We’re being watched, or are we? Tacoma camera fiasco pokes holes in surveillance society
A Tacoma cop for nearly 25 years, Ed Baker was a pioneer when the police department entered the age of video evidence analysis.
He was a leader in the field when two cameras were installed on the downtown Tacoma Bridge of Glass as part of an emergency city contract — cameras that have long since been neglected, according to recent reports by TNT staff writer Debbie Cockrell.
Baker has seen it all when it comes to the brave new world of Americans being recorded, often without knowing it, virtually 24-7. Now running his own video consultant shop, he knows as well as anyone the prophetic truth of what George Orwell wrote in his dystopian masterpiece,“1984,”: Big Brother is watching you.
“When I started teaching video forensics in the early 2000s, we had a standard saying that the average person is caught on camera 20, 30, 40 times a day,” Baker told me in a phone conversation this week. “I would venture to say it’s in the thousands now.”
Yet he also knows the limits of the technology, the challenges of extracting useful information from thousands of hours of recorded images and the lax oversight of humans to ensure these systems function properly — or at all.
Talk to him for a while like I did, and you get a sense that our surveillance society might not be surveilling us quite to the extent many of us assume.
Dummy cameras have proliferated at homes and places of business, while government cameras sometimes go dormant because of bureaucracy or budget cuts.
One could argue that’s not the worst thing in a country where privacy rights have been sacrificed at the altar of property and public safety.
But promoting a false sense of security can breed distrust and anger when the facts come out, as with the revelation that the cameras on the I-705 pedestrian overpass haven’t worked for years — and that nobody with the city or the Museum of Glass can say if they were ever used.
Or consider how decoy cameras on Bay Area Rapid Transit trains in California went unnoticed for years. BART officials didn’t fix this shocking negligence until someone was shot to death on a train in 2016, no video footage of the killer was available and journalists started poking around.
(I checked with Pierce Transit and Sound Transit officials this week; they said their bus and train cameras are fully operational.

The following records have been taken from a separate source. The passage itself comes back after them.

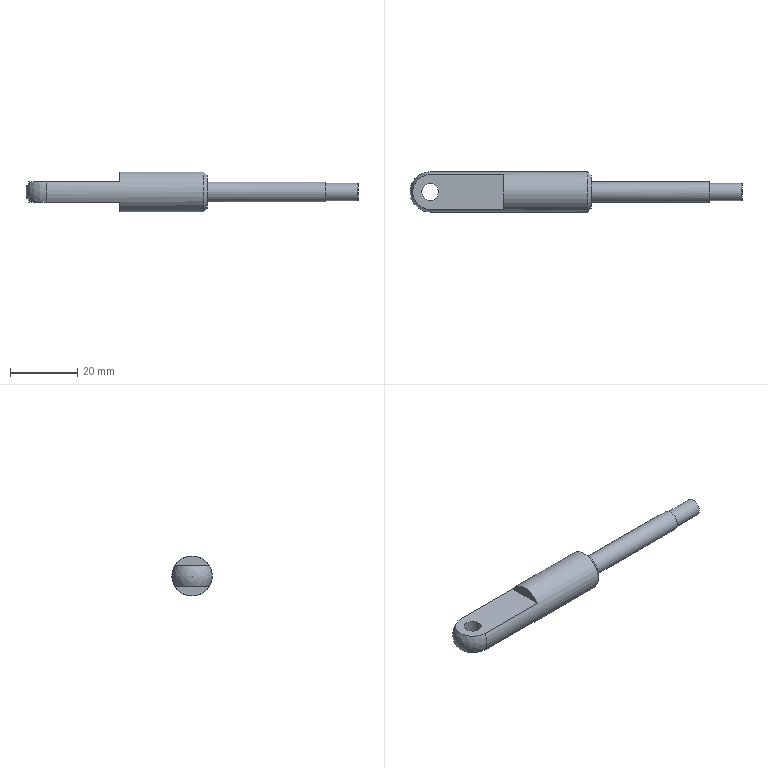Component | NX | SCREW_ROD | 1 solid | 14 faces | box 99 x 12 x 12 mm | volume 5834 mm3 | plane 7 | cylinder 4 | cone 2 | sphere 1 | commonest cylinder face diameters 12 x1 5 x1 6 x1 5.188 x1
STEP:
#1=CARTESIAN_POINT('',(0.,0.,0.));
#2=DIRECTION('',(0.,0.,1.));
#3=DIRECTION('',(1.,0.,0.));
#4=AXIS2_PLACEMENT_3D('',#1,#2,#3);
#5=CARTESIAN_POINT('',(22.3,-37.25,-16.5));
#6=VERTEX_POINT('',#5);
#7=CARTESIAN_POINT('',(22.3,-43.25,-16.5));
#8=DIRECTION('',(-1.,0.,0.));
#9=DIRECTION('',(0.,1.,0.));
#10=AXIS2_PLACEMENT_3D('',#7,#8,#9);
#11=CIRCLE('',#10,6.);
#12=CARTESIAN_POINT('',(-30.7,-43.25,-16.5));
#13=DIRECTION('',(1.,0.,0.));
#14=DIRECTION('',(0.,1.,0.));
#15=AXIS2_PLACEMENT_3D('',#12,#13,#14);
#16=CYLINDRICAL_SURFACE('',#15,6.);
#17=CARTESIAN_POINT('',(6.283,53.));
#18=DIRECTION('',(-1.,0.));
#19=VECTOR('',#18,1.);
#20=LINE('',#17,#19);
#21=(GEOMETRIC_REPRESENTATION_CONTEXT(2)PARAMETRIC_REPRESENTATION_CONTEXT()REPRESENTATION_CONTEXT('',''));
#22=DEFINITIONAL_REPRESENTATION('',(#20),#21);
#23=PCURVE('',#16,#22);
#24=CARTESIAN_POINT('',(23.3,-43.25,-16.5));
#25=DIRECTION('',(-1.,0.,0.));
#26=DIRECTION('',(0.,-1.,0.));
#27=AXIS2_PLACEMENT_3D('',#24,#25,#26);
#28=CONICAL_SURFACE('',#27,5.,0.7854);
#29=CARTESIAN_POINT('',(3.142,1.));
#30=DIRECTION('',(1.,0.));
#31=VECTOR('',#30,1.);
#32=LINE('',#29,#31);
#33=(GEOMETRIC_REPRESENTATION_CONTEXT(2)PARAMETRIC_REPRESENTATION_CONTEXT()REPRESENTATION_CONTEXT('',''));
#34=DEFINITIONAL_REPRESENTATION('',(#32),#33);
#35=PCURVE('',#28,#34);
#36=SURFACE_CURVE('',#11,(#23,#35),.PCURVE_S1.);
#37=EDGE_CURVE('',#6,#6,#36,.T.);
#38=ORIENTED_EDGE('',*,*,#37,.T.);
#39=CARTESIAN_POINT('',(-24.7,-37.25,-16.5));
#40=VERTEX_POINT('',#39);
#41=CARTESIAN_POINT('',(-24.7,-37.25,-16.5));
#42=CARTESIAN_POINT('',(22.3,-37.25,-16.5));
#43=B_SPLINE_CURVE_WITH_KNOTS('',1,(#41,#42),.UNSPECIFIED.,.F.,.F.,(2,2),(6.,53.),.PIECEWISE_BEZIER_KNOTS.);
#44=CARTESIAN_POINT('',(0.,0.));
#45=DIRECTION('',(0.,1.));
#46=VECTOR('',#45,1.);
#47=LINE('',#44,#46);
#48=(GEOMETRIC_REPRESENTATION_CONTEXT(2)PARAMETRIC_REPRESENTATION_CONTEXT()REPRESENTATION_CONTEXT('',''));
#49=DEFINITIONAL_REPRESENTATION('',(#47),#48);
#50=PCURVE('',#16,#49);
#51=CARTESIAN_POINT('',(6.283,0.));
#52=DIRECTION('',(0.,1.));
#53=VECTOR('',#52,1.);
#54=LINE('',#51,#53);
#55=(GEOMETRIC_REPRESENTATION_CONTEXT(2)PARAMETRIC_REPRESENTATION_CONTEXT()REPRESENTATION_CONTEXT('',''));
#56=DEFINITIONAL_REPRESENTATION('',(#54),#55);
#57=PCURVE('',#16,#56);
#58=SEAM_CURVE('',#43,(#50,#57),.PCURVE_S1.);
#59=EDGE_CURVE('',#40,#6,#58,.T.);
#60=ORIENTED_EDGE('',*,*,#59,.F.);
#61=CARTESIAN_POINT('',(-24.7,-38.054,-13.5));
#62=VERTEX_POINT('',#61);
#63=CARTESIAN_POINT('',(-24.7,-43.25,-16.5));
#64=DIRECTION('',(1.,0.,0.));
#65=DIRECTION('',(0.,1.,0.));
#66=AXIS2_PLACEMENT_3D('',#63,#64,#65);
#67=CIRCLE('',#66,6.);
#68=CARTESIAN_POINT('',(-6.283,6.));
#69=DIRECTION('',(1.,0.));
#70=VECTOR('',#69,1.);
#71=LINE('',#68,#70);
#72=(GEOMETRIC_REPRESENTATION_CONTEXT(2)PARAMETRIC_REPRESENTATION_CONTEXT()REPRESENTATION_CONTEXT('',''));
#73=DEFINITIONAL_REPRESENTATION('',(#71),#72);
#74=PCURVE('',#16,#73);
#75=CARTESIAN_POINT('',(-24.7,-43.25,-16.5));
#76=DIRECTION('',(1.,0.,0.));
#77=DIRECTION('',(0.,1.,0.));
#78=AXIS2_PLACEMENT_3D('',#75,#76,#77);
#79=SPHERICAL_SURFACE('',#78,6.);
#80=CARTESIAN_POINT('',(-6.283,0.));
#81=DIRECTION('',(1.,0.));
#82=VECTOR('',#81,1.);
#83=LINE('',#80,#82);
#84=(GEOMETRIC_REPRESENTATION_CONTEXT(2)PARAMETRIC_REPRESENTATION_CONTEXT()REPRESENTATION_CONTEXT('',''));
#85=DEFINITIONAL_REPRESENTATION('',(#83),#84);
#86=PCURVE('',#79,#85);
#87=SURFACE_CURVE('',#67,(#74,#86),.PCURVE_S1.);
#88=EDGE_CURVE('',#40,#62,#87,.T.);
#89=ORIENTED_EDGE('',*,*,#88,.T.);
#90=CARTESIAN_POINT('',(-2.7,-38.054,-13.5));
#91=VERTEX_POINT('',#90);
#92=CARTESIAN_POINT('',(-30.7,-38.054,-13.5));
#93=DIRECTION('',(-1.,0.,0.));
#94=VECTOR('',#93,1.);
#95=LINE('',#92,#94);
#96=CARTESIAN_POINT('',(0.5236,0.));
#97=DIRECTION('',(0.,-1.));
#98=VECTOR('',#97,1.);
#99=LINE('',#96,#98);
#100=(GEOMETRIC_REPRESENTATION_CONTEXT(2)PARAMETRIC_REPRESENTATION_CONTEXT()REPRESENTATION_CONTEXT('',''));
#101=DEFINITIONAL_REPRESENTATION('',(#99),#100);
#102=PCURVE('',#16,#101);
#103=CARTESIAN_POINT('',(-36.7,-55.75,-13.5));
#104=DIRECTION('',(0.,-0.,-1.));
#105=DIRECTION('',(0.,1.,-0.));
#106=AXIS2_PLACEMENT_3D('',#103,#104,#105);
#107=PLANE('',#106);
#108=CARTESIAN_POINT('',(17.696,6.));
#109=DIRECTION('',(0.,-1.));
#110=VECTOR('',#109,1.);
#111=LINE('',#108,#110);
#112=(GEOMETRIC_REPRESENTATION_CONTEXT(2)PARAMETRIC_REPRESENTATION_CONTEXT()REPRESENTATION_CONTEXT('',''));
#113=DEFINITIONAL_REPRESENTATION('',(#111),#112);
#114=PCURVE('',#107,#113);
#115=SURFACE_CURVE('',#95,(#102,#114),.PCURVE_S1.);
#116=EDGE_CURVE('',#91,#62,#115,.T.);
#117=ORIENTED_EDGE('',*,*,#116,.F.);
#118=CARTESIAN_POINT('',(-2.7,-48.446,-13.5));
#119=VERTEX_POINT('',#118);
#120=CARTESIAN_POINT('',(-2.7,-43.25,-16.5));
#121=DIRECTION('',(-1.,0.,0.));
#122=DIRECTION('',(0.,1.,0.));
#123=AXIS2_PLACEMENT_3D('',#120,#121,#122);
#124=CIRCLE('',#123,6.);
#125=CARTESIAN_POINT('',(6.283,28.));
#126=DIRECTION('',(-1.,0.));
#127=VECTOR('',#126,1.);
#128=LINE('',#125,#127);
#129=(GEOMETRIC_REPRESENTATION_CONTEXT(2)PARAMETRIC_REPRESENTATION_CONTEXT()REPRESENTATION_CONTEXT('',''));
#130=DEFINITIONAL_REPRESENTATION('',(#128),#129);
#131=PCURVE('',#16,#130);
#132=CARTESIAN_POINT('',(-2.7,-43.25,-16.5));
#133=DIRECTION('',(1.,0.,0.));
#134=DIRECTION('',(0.,1.,0.));
#135=AXIS2_PLACEMENT_3D('',#132,#133,#134);
#136=PLANE('',#135);
#137=CARTESIAN_POINT('',(6.,0.));
#138=CARTESIAN_POINT('',(6.,-10.392));
#139=CARTESIAN_POINT('',(-3.,-5.196));
#140=CARTESIAN_POINT('',(-12.,-0.));
#141=CARTESIAN_POINT('',(-3.,5.196));
#142=CARTESIAN_POINT('',(6.,10.392));
#143=CARTESIAN_POINT('',(6.,0.));
#144=(BOUNDED_CURVE()B_SPLINE_CURVE(2,(#137,#138,#139,#140,#141,#142,#143),.UNSPECIFIED.,.T.,.F.)B_SPLINE_CURVE_WITH_KNOTS((1,2,2,2,2,1),(-2.094,0.,2.094,4.189,6.283,8.378),.UNSPECIFIED.)CURVE()GEOMETRIC_REPRESENTATION_ITEM()RATIONAL_B_SPLINE_CURVE((1.,0.5,1.,0.5,1.,0.5,1.))REPRESENTATION_ITEM(''));
#145=(GEOMETRIC_REPRESENTATION_CONTEXT(2)PARAMETRIC_REPRESENTATION_CONTEXT()REPRESENTATION_CONTEXT('',''));
#146=DEFINITIONAL_REPRESENTATION('',(#144),#145);
#147=PCURVE('',#136,#146);
#148=SURFACE_CURVE('',#124,(#131,#147),.PCURVE_S1.);
#149=EDGE_CURVE('',#119,#91,#148,.T.);
#150=ORIENTED_EDGE('',*,*,#149,.F.);
#151=CARTESIAN_POINT('',(-24.7,-48.446,-13.5));
#152=VERTEX_POINT('',#151);
#153=CARTESIAN_POINT('',(-30.7,-48.446,-13.5));
#154=DIRECTION('',(1.,0.,0.));
#155=VECTOR('',#154,1.);
#156=LINE('',#153,#155);
#157=CARTESIAN_POINT('',(2.618,0.));
#158=DIRECTION('',(0.,1.));
#159=VECTOR('',#158,1.);
#160=LINE('',#157,#159);
#161=(GEOMETRIC_REPRESENTATION_CONTEXT(2)PARAMETRIC_REPRESENTATION_CONTEXT()REPRESENTATION_CONTEXT('',''));
#162=DEFINITIONAL_REPRESENTATION('',(#160),#161);
#163=PCURVE('',#16,#162);
#164=CARTESIAN_POINT('',(7.304,6.));
#165=DIRECTION('',(0.,1.));
#166=VECTOR('',#165,1.);
#167=LINE('',#164,#166);
#168=(GEOMETRIC_REPRESENTATION_CONTEXT(2)PARAMETRIC_REPRESENTATION_CONTEXT()REPRESENTATION_CONTEXT('',''));
#169=DEFINITIONAL_REPRESENTATION('',(#167),#168);
#170=PCURVE('',#107,#169);
#171=SURFACE_CURVE('',#156,(#163,#170),.PCURVE_S1.);
#172=EDGE_CURVE('',#152,#119,#171,.T.);
#173=ORIENTED_EDGE('',*,*,#172,.F.);
#174=CARTESIAN_POINT('',(-24.7,-48.446,-19.5));
#175=VERTEX_POINT('',#174);
#176=CARTESIAN_POINT('',(-24.7,-43.25,-16.5));
#177=DIRECTION('',(1.,0.,0.));
#178=DIRECTION('',(0.,1.,0.));
#179=AXIS2_PLACEMENT_3D('',#176,#177,#178);
#180=CIRCLE('',#179,6.);
#181=CARTESIAN_POINT('',(0.,6.));
#182=DIRECTION('',(1.,0.));
#183=VECTOR('',#182,1.);
#184=LINE('',#181,#183);
#185=(GEOMETRIC_REPRESENTATION_CONTEXT(2)PARAMETRIC_REPRESENTATION_CONTEXT()REPRESENTATION_CONTEXT('',''));
#186=DEFINITIONAL_REPRESENTATION('',(#184),#185);
#187=PCURVE('',#16,#186);
#188=CARTESIAN_POINT('',(0.,0.));
#189=DIRECTION('',(1.,0.));
#190=VECTOR('',#189,1.);
#191=LINE('',#188,#190);
#192=(GEOMETRIC_REPRESENTATION_CONTEXT(2)PARAMETRIC_REPRESENTATION_CONTEXT()REPRESENTATION_CONTEXT('',''));
#193=DEFINITIONAL_REPRESENTATION('',(#191),#192);
#194=PCURVE('',#79,#193);
#195=SURFACE_CURVE('',#180,(#187,#194),.PCURVE_S1.);
#196=EDGE_CURVE('',#152,#175,#195,.T.);
#197=ORIENTED_EDGE('',*,*,#196,.T.);
#198=CARTESIAN_POINT('',(-2.7,-48.446,-19.5));
#199=VERTEX_POINT('',#198);
#200=CARTESIAN_POINT('',(-30.7,-48.446,-19.5));
#201=DIRECTION('',(-1.,0.,0.));
#202=VECTOR('',#201,1.);
#203=LINE('',#200,#202);
#204=CARTESIAN_POINT('',(3.665,0.));
#205=DIRECTION('',(0.,-1.));
#206=VECTOR('',#205,1.);
#207=LINE('',#204,#206);
#208=(GEOMETRIC_REPRESENTATION_CONTEXT(2)PARAMETRIC_REPRESENTATION_CONTEXT()REPRESENTATION_CONTEXT('',''));
#209=DEFINITIONAL_REPRESENTATION('',(#207),#208);
#210=PCURVE('',#16,#209);
#211=CARTESIAN_POINT('',(-36.7,-32.25,-19.5));
#212=DIRECTION('',(0.,-0.,1.));
#213=DIRECTION('',(0.,-1.,-0.));
#214=AXIS2_PLACEMENT_3D('',#211,#212,#213);
#215=PLANE('',#214);
#216=CARTESIAN_POINT('',(16.196,6.));
#217=DIRECTION('',(0.,-1.));
#218=VECTOR('',#217,1.);
#219=LINE('',#216,#218);
#220=(GEOMETRIC_REPRESENTATION_CONTEXT(2)PARAMETRIC_REPRESENTATION_CONTEXT()REPRESENTATION_CONTEXT('',''));
#221=DEFINITIONAL_REPRESENTATION('',(#219),#220);
#222=PCURVE('',#215,#221);
#223=SURFACE_CURVE('',#203,(#210,#222),.PCURVE_S1.);
#224=EDGE_CURVE('',#199,#175,#223,.T.);
#225=ORIENTED_EDGE('',*,*,#224,.F.);
#226=CARTESIAN_POINT('',(-2.7,-38.054,-19.5));
#227=VERTEX_POINT('',#226);
#228=CARTESIAN_POINT('',(-2.7,-43.25,-16.5));
#229=DIRECTION('',(-1.,0.,0.));
#230=DIRECTION('',(0.,1.,0.));
#231=AXIS2_PLACEMENT_3D('',#228,#229,#230);
#232=CIRCLE('',#231,6.);
#233=CARTESIAN_POINT('',(6.283,28.));
#234=DIRECTION('',(-1.,0.));
#235=VECTOR('',#234,1.);
#236=LINE('',#233,#235);
#237=(GEOMETRIC_REPRESENTATION_CONTEXT(2)PARAMETRIC_REPRESENTATION_CONTEXT()REPRESENTATION_CONTEXT('',''));
#238=DEFINITIONAL_REPRESENTATION('',(#236),#237);
#239=PCURVE('',#16,#238);
#240=CARTESIAN_POINT('',(-2.7,-43.25,-16.5));
#241=DIRECTION('',(1.,0.,0.));
#242=DIRECTION('',(0.,1.,0.));
#243=AXIS2_PLACEMENT_3D('',#240,#241,#242);
#244=PLANE('',#243);
#245=CARTESIAN_POINT('',(6.,0.));
#246=CARTESIAN_POINT('',(6.,-10.392));
#247=CARTESIAN_POINT('',(-3.,-5.196));
#248=CARTESIAN_POINT('',(-12.,-0.));
#249=CARTESIAN_POINT('',(-3.,5.196));
#250=CARTESIAN_POINT('',(6.,10.392));
#251=CARTESIAN_POINT('',(6.,0.));
#252=(BOUNDED_CURVE()B_SPLINE_CURVE(2,(#245,#246,#247,#248,#249,#250,#251),.UNSPECIFIED.,.T.,.F.)B_SPLINE_CURVE_WITH_KNOTS((1,2,2,2,2,1),(-2.094,0.,2.094,4.189,6.283,8.378),.UNSPECIFIED.)CURVE()GEOMETRIC_REPRESENTATION_ITEM()RATIONAL_B_SPLINE_CURVE((1.,0.5,1.,0.5,1.,0.5,1.))REPRESENTATION_ITEM(''));
#253=(GEOMETRIC_REPRESENTATION_CONTEXT(2)PARAMETRIC_REPRESENTATION_CONTEXT()REPRESENTATION_CONTEXT('',''));
#254=DEFINITIONAL_REPRESENTATION('',(#252),#253);
#255=PCURVE('',#244,#254);
#256=SURFACE_CURVE('',#232,(#239,#255),.PCURVE_S1.);
#257=EDGE_CURVE('',#227,#199,#256,.T.);
#258=ORIENTED_EDGE('',*,*,#257,.F.);
#259=CARTESIAN_POINT('',(-24.7,-38.054,-19.5));
#260=VERTEX_POINT('',#259);
#261=CARTESIAN_POINT('',(-30.7,-38.054,-19.5));
#262=DIRECTION('',(1.,0.,0.));
#263=VECTOR('',#262,1.);
#264=LINE('',#261,#263);
#265=CARTESIAN_POINT('',(5.76,0.));
#266=DIRECTION('',(0.,1.));
#267=VECTOR('',#266,1.);
#268=LINE('',#265,#267);
#269=(GEOMETRIC_REPRESENTATION_CONTEXT(2)PARAMETRIC_REPRESENTATION_CONTEXT()REPRESENTATION_CONTEXT('',''));
#270=DEFINITIONAL_REPRESENTATION('',(#268),#269);
#271=PCURVE('',#16,#270);
#272=CARTESIAN_POINT('',(5.804,6.));
#273=DIRECTION('',(0.,1.));
#274=VECTOR('',#273,1.);
#275=LINE('',#272,#274);
#276=(GEOMETRIC_REPRESENTATION_CONTEXT(2)PARAMETRIC_REPRESENTATION_CONTEXT()REPRESENTATION_CONTEXT('',''));
#277=DEFINITIONAL_REPRESENTATION('',(#275),#276);
#278=PCURVE('',#215,#277);
#279=SURFACE_CURVE('',#264,(#271,#278),.PCURVE_S1.);
#280=EDGE_CURVE('',#260,#227,#279,.T.);
#281=ORIENTED_EDGE('',*,*,#280,.F.);
#282=CARTESIAN_POINT('',(-24.7,-43.25,-16.5));
#283=DIRECTION('',(1.,0.,0.));
#284=DIRECTION('',(0.,1.,0.));
#285=AXIS2_PLACEMENT_3D('',#282,#283,#284);
#286=CIRCLE('',#285,6.);
#287=CARTESIAN_POINT('',(0.,6.));
#288=DIRECTION('',(1.,0.));
#289=VECTOR('',#288,1.);
#290=LINE('',#287,#289);
#291=(GEOMETRIC_REPRESENTATION_CONTEXT(2)PARAMETRIC_REPRESENTATION_CONTEXT()REPRESENTATION_CONTEXT('',''));
#292=DEFINITIONAL_REPRESENTATION('',(#290),#291);
#293=PCURVE('',#16,#292);
#294=CARTESIAN_POINT('',(5.76,0.));
#295=CARTESIAN_POINT('',(5.768,0.));
#296=CARTESIAN_POINT('',(5.783,0.));
#297=CARTESIAN_POINT('',(5.807,0.));
#298=CARTESIAN_POINT('',(5.831,0.));
#299=CARTESIAN_POINT('',(5.855,0.));
#300=CARTESIAN_POINT('',(5.879,0.));
#301=CARTESIAN_POINT('',(5.902,0.));
#302=CARTESIAN_POINT('',(5.926,0.));
#303=CARTESIAN_POINT('',(5.95,0.));
#304=CARTESIAN_POINT('',(5.974,0.));
#305=CARTESIAN_POINT('',(5.998,0.));
#306=CARTESIAN_POINT('',(6.021,0.));
#307=CARTESIAN_POINT('',(6.045,0.));
#308=CARTESIAN_POINT('',(6.069,0.));
#309=CARTESIAN_POINT('',(6.093,0.));
#310=CARTESIAN_POINT('',(6.117,0.));
#311=CARTESIAN_POINT('',(6.14,0.));
#312=CARTESIAN_POINT('',(6.164,0.));
#313=CARTESIAN_POINT('',(6.188,0.));
#314=CARTESIAN_POINT('',(6.212,0.));
#315=CARTESIAN_POINT('',(6.236,0.));
#316=CARTESIAN_POINT('',(6.259,0.));
#317=CARTESIAN_POINT('',(6.275,0.));
#318=CARTESIAN_POINT('',(6.283,0.));
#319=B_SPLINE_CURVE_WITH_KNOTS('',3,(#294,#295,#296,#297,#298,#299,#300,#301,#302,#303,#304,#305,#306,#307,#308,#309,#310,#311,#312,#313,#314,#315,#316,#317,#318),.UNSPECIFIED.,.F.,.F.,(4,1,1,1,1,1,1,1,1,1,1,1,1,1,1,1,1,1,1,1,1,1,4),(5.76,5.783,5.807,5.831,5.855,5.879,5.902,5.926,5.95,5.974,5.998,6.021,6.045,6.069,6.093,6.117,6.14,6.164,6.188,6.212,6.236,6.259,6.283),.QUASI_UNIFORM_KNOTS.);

Tacoma Art Museum, Washington State History Museum and LeMay car museum officials also said their cameras are live and working fine.)
Baker summed up the public’s surveillance ambivalence this way: “It’s a love-hate relationship with these cameras.”
I tracked him down after the TNT broke the story about the inactive bridge cameras. The news came to light when Dr. Anthony Chen, the local health department director, reported being assaulted on the overpass after midnight May 19. Cockrell requested video records, but the city had none.
Baker wasn’t hard to find. Since 2003, when he became a certified forensic video analyst, he’s operated Video Consultants NW, a Pierce County company that specializes in on-site security, criminal investigation assistance and expert testimony.
He cut his teeth on this stuff as a Tacoma cop from 1985 to 2009. He stood up TPD’s first video forensic unit and capped his career with 10 years as a major crimes detective.
Remember the Tacoma Mall shootings in 2005, when a gunman wounded six people and held hostages for hours? Baker investigated the scene and was dismayed to find dummy cameras in an adjoining store.
When I asked about the bridge cameras installed in 2003 at a price of nearly $35,000 — much more than they’d cost today — Baker said he had no memory of the emergency contract. But he’s not surprised the system went dark, given the vagaries of city budget cycles.
“It’s one of those stepchild-type things, where they can be neglected and eventually nobody gives it a second thought,” he said.
Even if the cameras had been working, Baker said they likely wouldn’t have captured identifiable images of Chen’s reported assailant. “You’d have to be within 150 feet of the cameras to have any chance.”
He’s found similar limitations in his analysis of police body camera video; it often shows little more than the side of a squad car, or closeups of an officer’s arms or legs. As cities spend millions to record, store and respond to requests for body-cam footage, thoughts of needles and haystacks come to mind.
Finding the right surveillance balance may seem impossible at a time when more law enforcement agencies — including Tacoma and Pierce County — have activated body cameras, while other governments — such as King County — have banned police use of facial-recognition technology.
Elected leaders must carefully weigh the competing expectations, not leave the public hanging in uncertainty or distrust.
Then again, the government may have nothing to lose by keeping us in suspense.
For me, it’s helpful to return to Orwell’s classic vision. (What else would you expect from a proud product of Olympia High School, Class of 1984?)
With dull metal telescreens blanketing the land of Oceania — sometimes spying, sometimes not — the proles remain helplessly under the thumb of The Party.
“There was of course no way of knowing whether you were being watched at any moment,” Winston Smith, the protagonist, says.
In other words, Big Brother is watching you. Unless he isn’t.
Do we go about life feeling like victims of voyeurism either way? Or accept it as the price of feeling more secure?